Well That’s great that the telephone poles are staying, , I was concerned there would be no place to hang the American flags anymore if the poles were taken down , Always look forward to seeing old glory on the poles.

4 years ago

This question may have been asked already. Is there a plan to continue repaving Main Street from Mauro’s market to Boston Rd? I notice the project ends just before Mauro’s market. Just seem like an odd spot to stop a project when “down town” ends more around the boston road area.

David Parry
4 years ago

The scheme referred to was a possible alternative to “undergrounding”, intended to save costs. It would have moved the utility poles off of Main St, on to other public ways, with permanent dedicated access to National Grid for maintenance, such as the public school driveway along Woodward School. The wires would have been fed to buildings from the back side. It would have been very similar in concept and engineering to the short section of downtown Hudson, where the poles were removed from Main St, and re-located on the parallel side streets.

But that plan is not to be. It required strong political support from the Selectmen to provide suitable access drives, and also more advanced engineering, and also more time. The Selectmen were not supportive and sent a letter as such to National Grid saying they were “not in favor”.

For those preferring a true “undergrounding” solution, this COULD have been done at reasonable cost, and permanent benefit, while the road is under re-construction over the coming two years.

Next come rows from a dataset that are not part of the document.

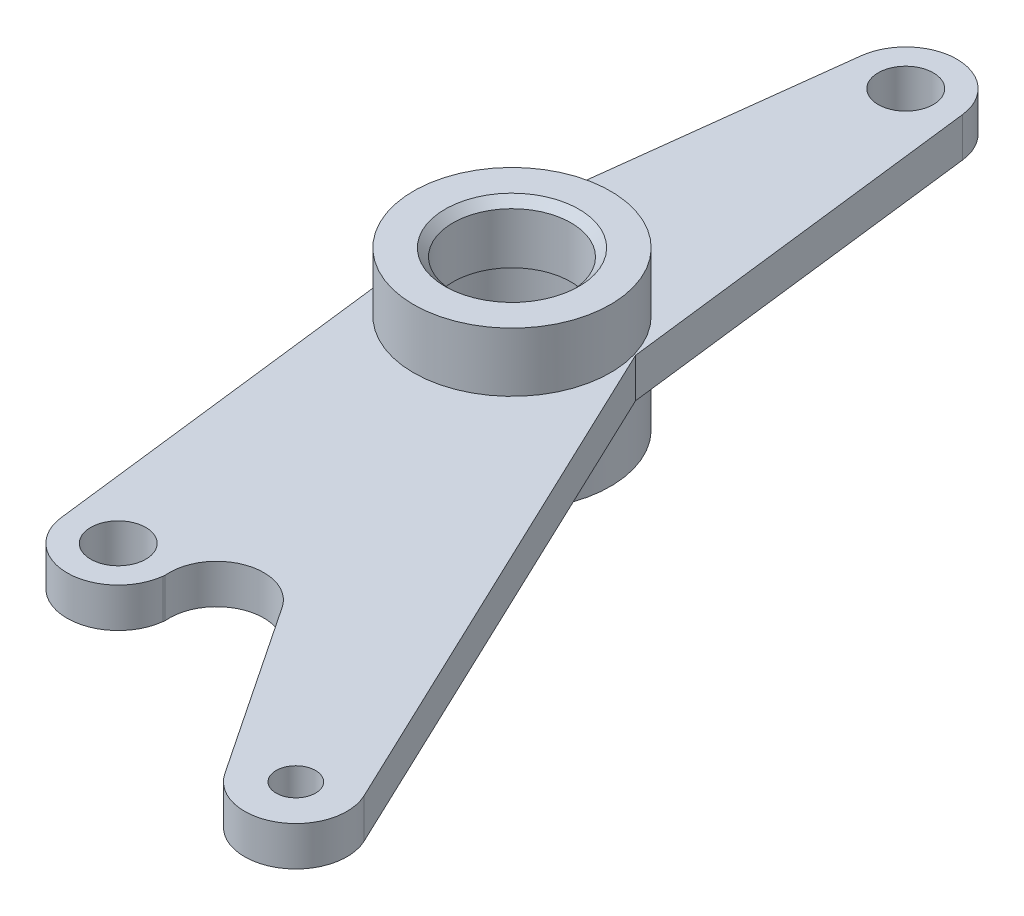
from build123d import *

# Parameters (mm, degrees)
SKETCH_1_R          = 25
SKETCH_1_R_2        = 15
EXTRUDE_1_DEPTH     = 20
SKETCH_2_R          = 15
SKETCH_2_R_2        = 7
SKETCH_2_R_3        = 5
EXTRUDE_2_DEPTH     = 5
CHAMFER_1_SIZE      = 2
SKETCH_3_R          = 17
CUT_EXTRUDE_1_DEPTH = 10


with BuildPart() as part:
    # 草图1 → 凸台-拉伸1 (new, symmetric)
    with BuildSketch(Plane(origin=(0, 0, 0), x_dir=(1, 0, 0), z_dir=(0, 1, 0))):
        with Locations(Location((0, 0, 0), (0, 0, 270))):
            Circle(SKETCH_1_R)
        with Locations(Location((0, 0, 0), (0, 0, 270))):
            Circle(SKETCH_1_R_2, mode=Mode.SUBTRACT)
    extrude(amount=EXTRUDE_1_DEPTH, both=True)

    # 草图2 → 凸台-拉伸2 (add, symmetric)
    with BuildSketch(Plane(origin=(0, 0, 0), x_dir=(1, 0, 0), z_dir=(0, 1, 0))):
        with BuildLine():
            Line((-12.906060592, 101.56), (-24.819347292, 3))
            ThreePointArc((-24.819347292, 3), (-25, 0), (-24.819347292, -3))
            Line((-24.819347292, -3), (-12.906060592, -101.56))
            ThreePointArc((-12.906060592, -101.56), (0, -113), (12.906060592, -101.56))
            Line((12.906060592, -101.56), (12.968643035, -101.042248202))
            ThreePointArc((12.968643035, -101.042248202), (20.91103038, -88.629202002), (34.896228635, -93.274572004))
            Line((34.896228635, -93.274572004), (64.19020383, -137.125189021))
            ThreePointArc((64.19020383, -137.125189021), (81.416898698, -141.209712173), (86.742245765, -124.325310375))
            Line((86.742245765, -124.325310375), (24.330246726, 7.046385599))
            Line((24.330246726, 7.046385599), (12.906060592, 101.56))
            ThreePointArc((12.906060592, 101.56), (0, 113), (-12.906060592, 101.56))
        make_face()
        with Locations(Location((0, 0, 0), (0, 0, 270))):
            Circle(SKETCH_2_R, mode=Mode.SUBTRACT)
        with Locations(Location((0, 100, 0), (0, 0, 270))):
            Circle(SKETCH_2_R_2, mode=Mode.SUBTRACT)
        with Locations(Location((0, -100, 0), (0, 0, 90))):
            Circle(SKETCH_2_R_2, mode=Mode.SUBTRACT)
        with Locations(Location((75, -129.903810568, 0), (0, 0, 270))):
            Circle(SKETCH_2_R_3, mode=Mode.SUBTRACT)
    extrude(amount=EXTRUDE_2_DEPTH, both=True)

    # 倒角1
    chamfer_1_edges = [part.edges().sort_by_distance(p)[0] for p in [
        (0, -20, -15),
        (0, 20, -15),
    ]]
    chamfer(chamfer_1_edges, length=CHAMFER_1_SIZE)

    # 草图3 → 切除-拉伸1 (cut)
    with BuildSketch(Plane(origin=(0, 5, 0), x_dir=(1, 0, 0), z_dir=(0, 1, 0))):
        with Locations(Location((0, 0, 0), (0, 0, 270))):
            Circle(SKETCH_3_R)
    extrude(amount=-CUT_EXTRUDE_1_DEPTH, mode=Mode.SUBTRACT)


solid = part.part

But it is now too late.

As proof of viability, undergrounding is going to be done in a very similar way in downtown Hopkinton, along 2000 feet length of their East Main St. It is being incorporated into Hopkinton’s road plans, which are now at 25% design level. Details are being designed into the final scheme, which involves road and intersection widening, just like Southborough.

More importantly, EXACTLY like Southborough, the Hopkinton roadwork is being paid for 100% by the State, while the removal of utility poles and undergrounding of wires must be paid for by Hopkinton, which will vote to fund the project, at a total (all inclusive) cost under $5 million, at their Town Meeting in 2018. That cost will by funded by adding marginally to residents’ electric utility bills over decades, which is the standard method of payment.

Southborough residents who have followed our Main St project may remember that we were told that the cost to underground 2000 feet of Southborough’s Main St would be about $11 million, but it was never moved forward into detailed engineering cost estimates. So that number was essentially a guess. It was never engineered and costed, and never moved forward as an option.

When the project came to a political impasse three years ago, and failed at Town Meeting, the Selectmen were forced to create a review committee, called the Main Street Working Group ….. but the Selectmen deliberately restricted the Group’s mandate to refining the surface design, and forbade any consideration of undergrounding.

So there you have it. Some towns take advantage of opportunities when they arise, some stamp on new ideas, some make the effort to thoroughly examine all ideas and prepare engineering cost estimates, some put a higher priority on the appearance of their historic downtowns, some give their residents a choice …. by a vote.

We have missed this unique opportunity, which will not arise again because Main St is not going to be totally reconstructed again. We never studied undergrounding in detail, so we never knew the real cost. We were never given a vote.

Of course, some residents don’t care, but others, and especially future generations, will deeply regret it. Just wait till Southborough has been redone, and then Hopkinton, so we can compare the two, before and after. Hopkinton starts just a year after Southborough, and the projects are very similar. The difference will be like Hudson, before and after.


4 years ago
Reply to  David Parry

Thank you David! Well said. You summed it up perfectly.